GRIAL : Puissances de l'oubli

Federico Bravo

L’oubli comme la mémoire obéit à des fonctionnalités sélectives qui développent leur propre temporalité. Parce qu’elle met en cause non seulement des chronologies diverses mais aussi des plans de conscience différents, la mémoire divise le sujet, qui trouve dans ce dédoublement passager mais radical le fondement paradoxal de son identité singulière. Reviviscence d’un passé réinvesti, la mémoire est le lieu de la conversion incessante de l’absence en re-présentation : plus qu’une appréhension du temps, sa compréhension. Si la mémoire est, selon l’inusable formule de Valéry, l’avenir du passé, c’est parce que, à sa manière, elle institue une forme de panchronie. La mémoire, souligne Bergson, intercale le passé dans le présent, contractant dans une intuition unique des moments multiples de la durée : ce sont les plis du temps où se logent, aux prises avec la pensée chronologique, les diaprures de la pensée analogique. Que l’avenir s’en mêle ou s’y insinue, et c’est la mémoire du futur qui se profile avec sa cohorte de rétrocipations, de futurs antérieurs et de plagiats par anticipation. Dans cette temporalité en suspens où la mémoire fait l’expérience d’un temps déconstruit, l’oubli apparaît comme « le grand gestionnaire de la mémoire », pour reprendre l’expression d’Yveline Rey.

L’extension de cette approche panchronique au signifiant textuel, invite à problématiser la notion de dette ou d’emprunt et à entreprendre un travail de deshistoricisation de certains faits littéraires que l’on peut considérer comme immanents à la configuration du diagramme : face à la mémoire – linguistique, littéraire – de l’écrivain, si souvent invoquée dans les études sur l’intertextualité toujours aussi foisonnantes, le moment est sans doute venu de souligner la productivité de l’oubli sans lequel il ne peut y avoir de mémoire, c’est-à-dire du savoir qui, ni oublié ni refoulé, est purement et simplement ignoré et qui partant mène tout droit à la découverte.
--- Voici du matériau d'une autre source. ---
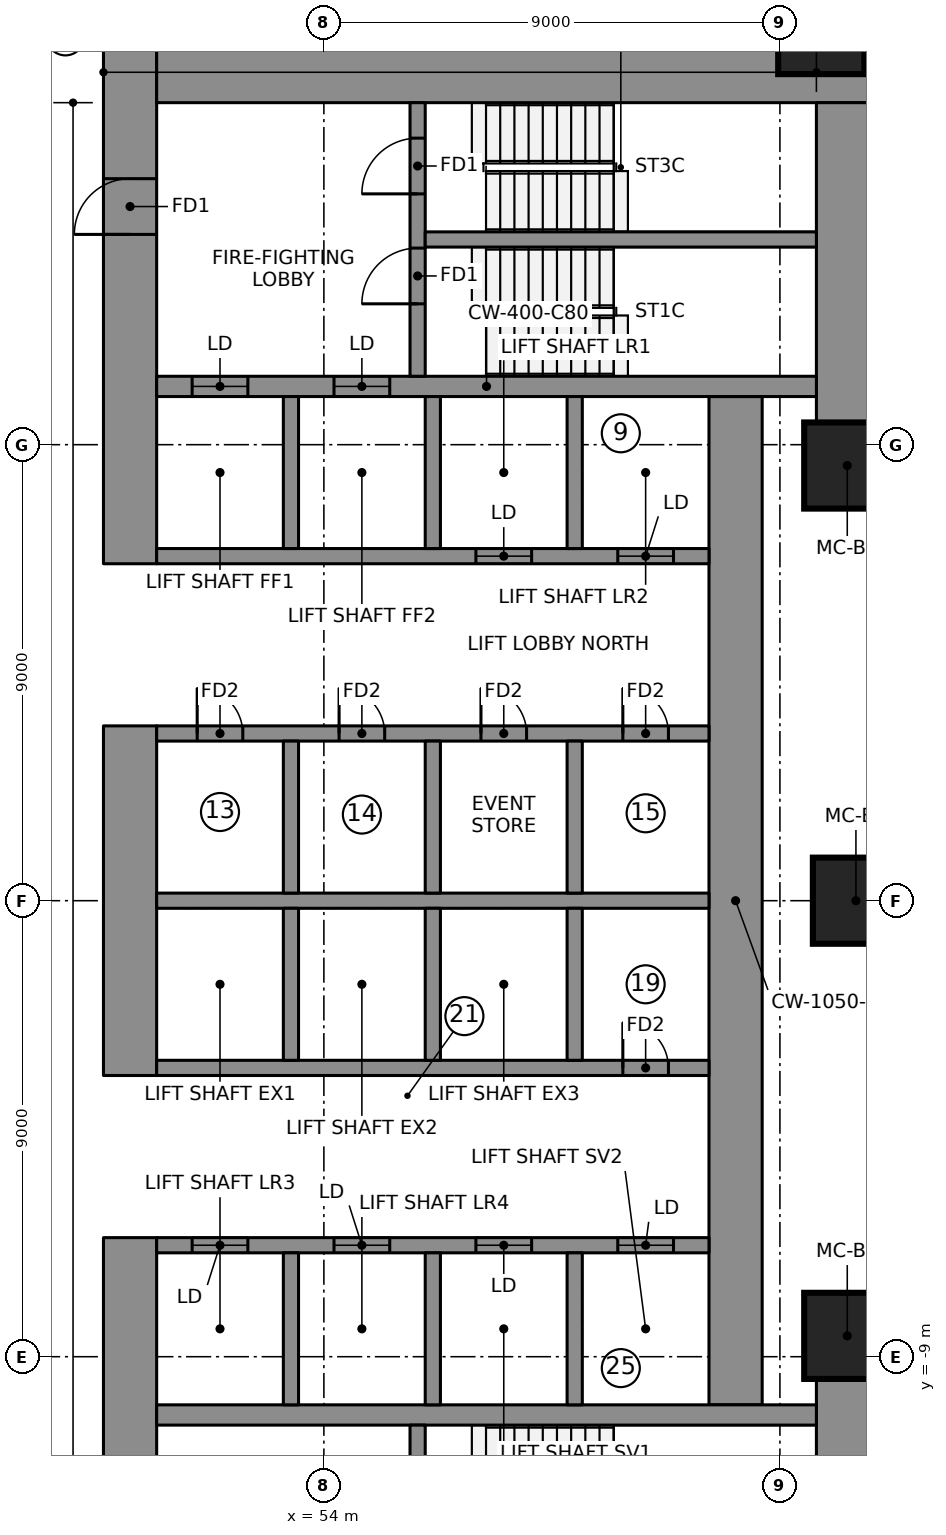
"""IFC4 building model, lengths in metres.
Left out: names, types, materials, properties, quantities, classifications, styles, units other than length and angle.
Written with IfcOpenShell. Run it as: python <this file> out.ifc"""

import sys

from ifc_helpers import new_model, si_unit, direction, frame, frame_2d, origin, origin_2d, place, context, subcontext, project, spatial, rectangle, extrude, element, fill, save


model = new_model("IFC4")
c1 = context("Model", 3, precision=1e-05, world=origin(), true_north=direction((0.0, 1.0)))
c2 = subcontext(c1, "Body", "Model", "MODEL_VIEW")
j1 = project(units=[si_unit("LENGTHUNIT", "METRE"), si_unit("PLANEANGLEUNIT", "RADIAN")], contexts=[c1])
p1 = place(None, origin())
s1 = spatial("IfcSite", under=j1, at=p1, CompositionType="ELEMENT")
p2 = place(p1, origin())
s2 = spatial("IfcBuilding", under=s1, at=p2, CompositionType="ELEMENT")
p3 = place(p2, frame((0.0, 0.0, 109.75)))
s3 = spatial("IfcBuildingStorey", under=s2, at=p3, CompositionType="ELEMENT", Elevation=109.75)
p4 = place(p3, frame((50.175, 6.65, 0.0), z_axis=(0.0, 0.0, 1.0), x_axis=(0.0, 1.0, 0.0)))
e1 = element("IfcWall", 1, at=p4, inside=s3, PredefinedType="SHEAR", context=c2, shape_type="SweptSolid", body=[
    extrude(rectangle(XDim=10.15, YDim=1.05, at=frame_2d((5.075, 0.0))), origin(), (0.0, 0.0, 1.0), 3.55),
])
p5 = place(p4, frame((6.5, 0.0, 0.0)))
e2 = element("IfcOpeningElement", 2, at=p5, cuts=e1, PredefinedType="OPENING", context=c2, shape_type="SweptSolid", body=[
    extrude(rectangle(XDim=1.1, YDim=2.1, at=frame_2d((0.55, 1.05))), frame((0.0, 0.535, 0.0), z_axis=(0.0, -1.0, 0.0), x_axis=(1.0, 0.0, 0.0)), (0.0, 0.0, 1.0), 1.07),
])
p6 = place(p3, frame((50.175, -3.45, 0.0), z_axis=(0.0, 0.0, 1.0), x_axis=(0.0, 1.0, 0.0)))
e3 = element("IfcWall", 3, at=p6, inside=s3, PredefinedType="SHEAR", context=c2, shape_type="SweptSolid", body=[
    extrude(rectangle(XDim=6.9, YDim=1.05, at=frame_2d((3.45, 0.0))), origin(), (0.0, 0.0, 1.0), 3.55),
])
p7 = place(p3, frame((50.175, -16.8, 0.0), z_axis=(0.0, 0.0, 1.0), x_axis=(0.0, 1.0, 0.0)))
e4 = element("IfcWall", 4, at=p7, inside=s3, PredefinedType="SHEAR", context=c2, shape_type="SweptSolid", body=[
    extrude(rectangle(XDim=10.15, YDim=1.05, at=frame_2d((5.075, 0.0))), origin(), (0.0, 0.0, 1.0), 3.55),
])
p8 = place(p7, frame((2.55, 0.0, 0.0)))
e5 = element("IfcOpeningElement", 5, at=p8, cuts=e4, PredefinedType="OPENING", context=c2, shape_type="SweptSolid", body=[
    extrude(rectangle(XDim=1.1, YDim=2.1, at=frame_2d((0.55, 1.05))), frame((0.0, 0.535, 0.0), z_axis=(0.0, -1.0, 0.0), x_axis=(1.0, 0.0, 0.0)), (0.0, 0.0, 1.0), 1.07),
])
p9 = place(p3, frame((50.7, 16.275, 0.0), z_axis=(0.0, 0.0, 1.0), x_axis=(1.0, 0.0, 0.0)))
e6 = element("IfcWall", 6, at=p9, inside=s3, PredefinedType="SHEAR", context=c2, shape_type="SweptSolid", body=[
    extrude(rectangle(XDim=14.07, YDim=1.05, at=frame_2d((7.035, 0.0))), origin(), (0.0, 0.0, 1.0), 3.55),
])
for number, where, z_axis, x_axis in (
    (7, (64.245, 9.389, 0.0), (0.0, 0.0, 1.0), (0.0, 1.0, 0.0)),
    (8, (64.245, -15.75, 0.0), (0.0, 0.0, 1.0), (0.0, 1.0, 0.0)),
):
    element("IfcWall", number, at=place(p3, frame(where, z_axis=z_axis, x_axis=x_axis)), inside=s3, PredefinedType="SHEAR", context=c2, shape_type="SweptSolid", body=[
        extrude(rectangle(XDim=6.361, YDim=1.05, at=frame_2d((3.181, 0.0))), origin(), (0.0, 0.0, 1.0), 3.55),
    ])
p10 = place(p3, frame((62.125, -9.95, 0.0), z_axis=(0.0, 0.0, 1.0), x_axis=(0.0, 1.0, 0.0)))
e9 = element("IfcWall", 9, at=p10, inside=s3, PredefinedType="SHEAR", context=c2, shape_type="SweptSolid", body=[
    extrude(rectangle(XDim=19.9, YDim=1.05, at=frame_2d((9.95, 0.0))), origin(), (0.0, 0.0, 1.0), 3.55),
])
p11 = place(p3, frame((50.7, 10.15, 0.0), z_axis=(0.0, 0.0, 1.0), x_axis=(1.0, 0.0, 0.0)))
e10 = element("IfcWall", 10, at=p11, inside=s3, PredefinedType="SHEAR", context=c2, shape_type="SweptSolid", body=[
    extrude(rectangle(XDim=13.02, YDim=0.4, at=frame_2d((6.51, 0.0))), origin(), (0.0, 0.0, 1.0), 3.55),
])
p12 = place(p11, frame((0.7, 0.0, 0.0)))
e11 = element("IfcOpeningElement", 11, at=p12, cuts=e10, PredefinedType="OPENING", context=c2, shape_type="SweptSolid", body=[
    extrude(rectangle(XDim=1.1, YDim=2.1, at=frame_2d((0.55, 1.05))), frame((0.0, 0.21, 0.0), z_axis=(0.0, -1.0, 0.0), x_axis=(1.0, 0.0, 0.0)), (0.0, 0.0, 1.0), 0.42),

Les déjà-vu de l’histoire ne sont pas toujours des emprunts mais des invariants qui souvent ne doivent leur répétition – toujours singulative – qu’au langage qui les porte en tant qu’intertexte premier. En d’autres termes, toute réminiscence n’est pas nécessairement l’effet d’un dialogue intertextuel ou d’une réappropriation : il arrive parfois que la même « découverte », pour ainsi dire inscrite dans le code génétique du signifiant, se produise à plusieurs siècles d’écart sans qu’il y ait forcément dette ou emprunt. Aussi est-il permis de postuler pour certains jeux linguistiques comme pour certains invariants sémiotiques, textuels ou rhétoriques (que l’on tiendra, malgré leur récurrence transhistorique, pour spontanés) une autre appréhension, déconnectée de toute idée de filiation et de toute considération temporelle.
Oubli n’est pas défaillance, même si l’inventaire de ses troubles – du mot récalcitrant qu’on a sur le bout de la langue aux formes les plus sévères de l’amnésie – est particulièrement fourni. On sait qu’il n’y a pas de mémoire sans oubli ; on sait moins que, sans oubli, il n’y a pas de mémoire : plus qu’une nécessité, l’oubli est aussi, contre les tyrannies de la mémoire, une forme de liberté. Cette intelligence de l’oubli, un conte traditionnel d’Ibn Manzûr en dit admirablement les pouvoirs qui met en scène le poète arabo-persan Abû Nuwâs lequel, après avoir dû apprendre par cœur un millier d’extraits d’odes et de chants, fut sommé par son maître de tous les oublier avant de se voir accorder l’autorisation de composer le moindre vers. Sans doute est-ce ce double travail d’apprentissage et de désapprentissage qui fonde et spécifie le travail du créateur, quelle qu’en soit l’expression – littéraire, picturale, musicale. Trace présente d’un passé qui n’est plus, le sens a partie liée avec l’absence qui n’est dans bien des cas qu’un trop plein de signifiance : la psychanalyse ne nous apprend que trop cette vérité souvent oubliée que l’oubli n’est parfois qu’une forme exacerbée de la mémoire.